2) Yes, to a company that is owned by the drivers and gives them back the
maximal share of the revenue, taking into account the (minimal) operating
costs.

3) To call Uber a "mediator" when both the customer and the driver have no say
in the cost of the fare is laughable. Uber unilaterally sets the price, and if
you don't like it, you're shit out of luck.

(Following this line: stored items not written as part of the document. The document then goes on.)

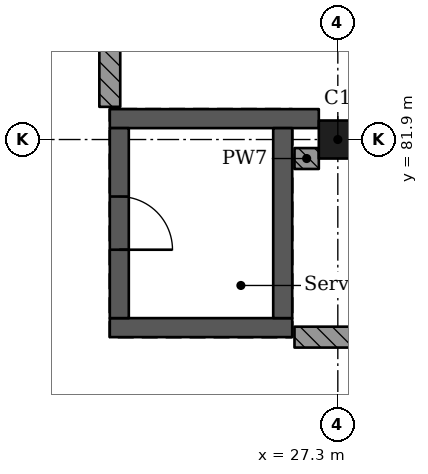
"""IFC4 building model, lengths in metres.
Left out: names, types, materials, properties, quantities, classifications, styles, units other than length and angle.
Written with IfcOpenShell. Run it as: python <this file> out.ifc"""

import sys

from ifc_helpers import new_model, si_unit, direction, frame, frame_2d, origin, origin_2d, place, context, subcontext, project, spatial, rectangle, extrude, element, fill, save


model = new_model("IFC4")
c1 = context("Model", 3, precision=1e-05, world=origin(), true_north=direction((0.0, 1.0)))
c2 = subcontext(c1, "Body", "Model", "MODEL_VIEW")
j1 = project(units=[si_unit("LENGTHUNIT", "METRE"), si_unit("PLANEANGLEUNIT", "RADIAN")], contexts=[c1])
p1 = place(None, origin())
s1 = spatial("IfcSite", under=j1, at=p1, CompositionType="ELEMENT")
p2 = place(p1, origin())
s2 = spatial("IfcBuilding", under=s1, at=p2, CompositionType="ELEMENT")
p3 = place(p2, frame((0.0, 0.0, 29.12)))
s3 = spatial("IfcBuildingStorey", under=s2, at=p3, CompositionType="ELEMENT", Elevation=29.12)
p4 = place(p3, frame((27.3, 81.9, 0.0), z_axis=(0.0, 0.0, 1.0), x_axis=(1.0, 0.0, 0.0)))
e1 = element("IfcColumn", 1, at=p4, inside=s3, PredefinedType="COLUMN", context=c2, shape_type="SweptSolid", body=[
    extrude(rectangle(XDim=0.5, YDim=0.5, at=origin_2d()), origin(), (0.0, 0.0, 1.0), 4.55),
])
p5 = place(p3, frame((26.7, 79.425, 0.0), z_axis=(0.0, 0.0, 1.0), x_axis=(-1.0, 0.0, 0.0)))
e2 = element("IfcWall", 2, at=p5, inside=s3, PredefinedType="SHEAR", context=c2, shape_type="SweptSolid", body=[
    extrude(rectangle(XDim=2.4, YDim=0.25, at=frame_2d((1.2, 0.0))), origin(), (0.0, 0.0, 1.0), 4.55),
])
p6 = place(p3, frame((27.05, 82.175, 0.0), z_axis=(0.0, 0.0, 1.0), x_axis=(-1.0, 0.0, 0.0)))
e3 = element("IfcWall", 3, at=p6, inside=s3, PredefinedType="SHEAR", context=c2, shape_type="SweptSolid", body=[
    extrude(rectangle(XDim=2.75, YDim=0.25, at=frame_2d((1.375, 0.0))), origin(), (0.0, 0.0, 1.0), 4.55),
])
p7 = place(p3, frame((24.425, 82.05, 0.0), z_axis=(0.0, 0.0, 1.0), x_axis=(0.0, -1.0, 0.0)))
e4 = element("IfcWall", 4, at=p7, inside=s3, PredefinedType="SHEAR", context=c2, shape_type="SweptSolid", body=[
    extrude(rectangle(XDim=2.5, YDim=0.25, at=frame_2d((1.25, 0.0))), origin(), (0.0, 0.0, 1.0), 4.55),
])
p8 = place(p7, frame((0.9, 0.0, 0.0)))
e5 = element("IfcOpeningElement", 5, at=p8, cuts=e4, PredefinedType="OPENING", context=c2, shape_type="SweptSolid", body=[
    extrude(rectangle(XDim=0.7, YDim=2.1, at=frame_2d((0.35, 1.05))), frame((0.0, 0.135, 0.0), z_axis=(0.0, -1.0, 0.0), x_axis=(1.0, 0.0, 0.0)), (0.0, 0.0, 1.0), 0.27),
])
p9 = place(p3, frame((26.575, 82.05, 0.0), z_axis=(0.0, 0.0, 1.0), x_axis=(0.0, -1.0, 0.0)))
e6 = element("IfcWall", 6, at=p9, inside=s3, PredefinedType="SHEAR", context=c2, shape_type="SweptSolid", body=[
    extrude(rectangle(XDim=2.5, YDim=0.25, at=frame_2d((1.25, 0.0))), origin(), (0.0, 0.0, 1.0), 4.55),
])
p10 = place(p3, frame((24.3, 82.33, 0.0), z_axis=(0.0, 0.0, 1.0), x_axis=(0.0, 1.0, 0.0)))
e7 = element("IfcWall", 7, at=p10, inside=s3, PredefinedType="SOLIDWALL", context=c2, shape_type="SweptSolid", body=[
    extrude(rectangle(XDim=6.932, YDim=0.275, at=frame_2d((3.466, 0.0))), origin(), (0.0, 0.0, 1.0), 3.88),
])
p11 = place(p3, frame((26.73, 81.65, 0.0), z_axis=(0.0, 0.0, 1.0), x_axis=(1.0, 0.0, 0.0)))
e8 = element("IfcWall", 8, at=p11, inside=s3, PredefinedType="SOLIDWALL", context=c2, shape_type="SweptSolid", body=[
    extrude(rectangle(XDim=0.32, YDim=0.275, at=frame_2d((0.16, 0.0))), origin(), (0.0, 0.0, 1.0), 3.88),
])
p12 = place(p3, frame((26.73, 79.3, 0.0), z_axis=(0.0, 0.0, 1.0), x_axis=(1.0, 0.0, 0.0)))
e9 = element("IfcWall", 9, at=p12, inside=s3, PredefinedType="SOLIDWALL", context=c2, shape_type="SweptSolid", body=[
    extrude(rectangle(XDim=6.808, YDim=0.275, at=frame_2d((3.404, 0.0))), origin(), (0.0, 0.0, 1.0), 3.88),
])
p13 = place(p8, origin())
e10 = element("IfcDoor", 10, at=p13, inside=s3, OperationType="SINGLE_SWING_LEFT", PredefinedType="DOOR", context=c2, shape_type="SweptSolid", body=[
    extrude(rectangle(XDim=0.7, YDim=2.1, at=frame_2d((0.35, 1.05))), frame((0.0, 0.025, 0.0), z_axis=(0.0, -1.0, 0.0), x_axis=(1.0, 0.0, 0.0)), (0.0, 0.0, 1.0), 0.05),
])
fill(e5, e10)
save(model, sys.argv[1])

4) Like the point I made in 1), Uber takes a much larger cut than what is
truly necessary. Even if the hypothetical ridesharing co-op had the exact same
fares as Uber, a much larger proportion of the fare goes to the driver. And I
would disagree that riders are the only constrained variable - there is almost
zero switching cost between different ridesharing services for not only the
rider but the driver as well. If only Uber and the ridesharing co-op are the
only options for ridesharing in a given city, and they have the exact same
fares for customers, but the co-op pays the drivers better than Uber, any
driver would logically switch to the co-op since they would be paid more, and
the customers would quickly switch to using the co-op's app as well, since the
waiting times would be shorter compared to Uber.

------
imgabe
> Yet again, an investigative report has found that Uber underpays its
> drivers.

Aren't the fares proportional to how many drivers are available? If the fares
are too low, don't drive. If enough people stop driving, the fare will go up.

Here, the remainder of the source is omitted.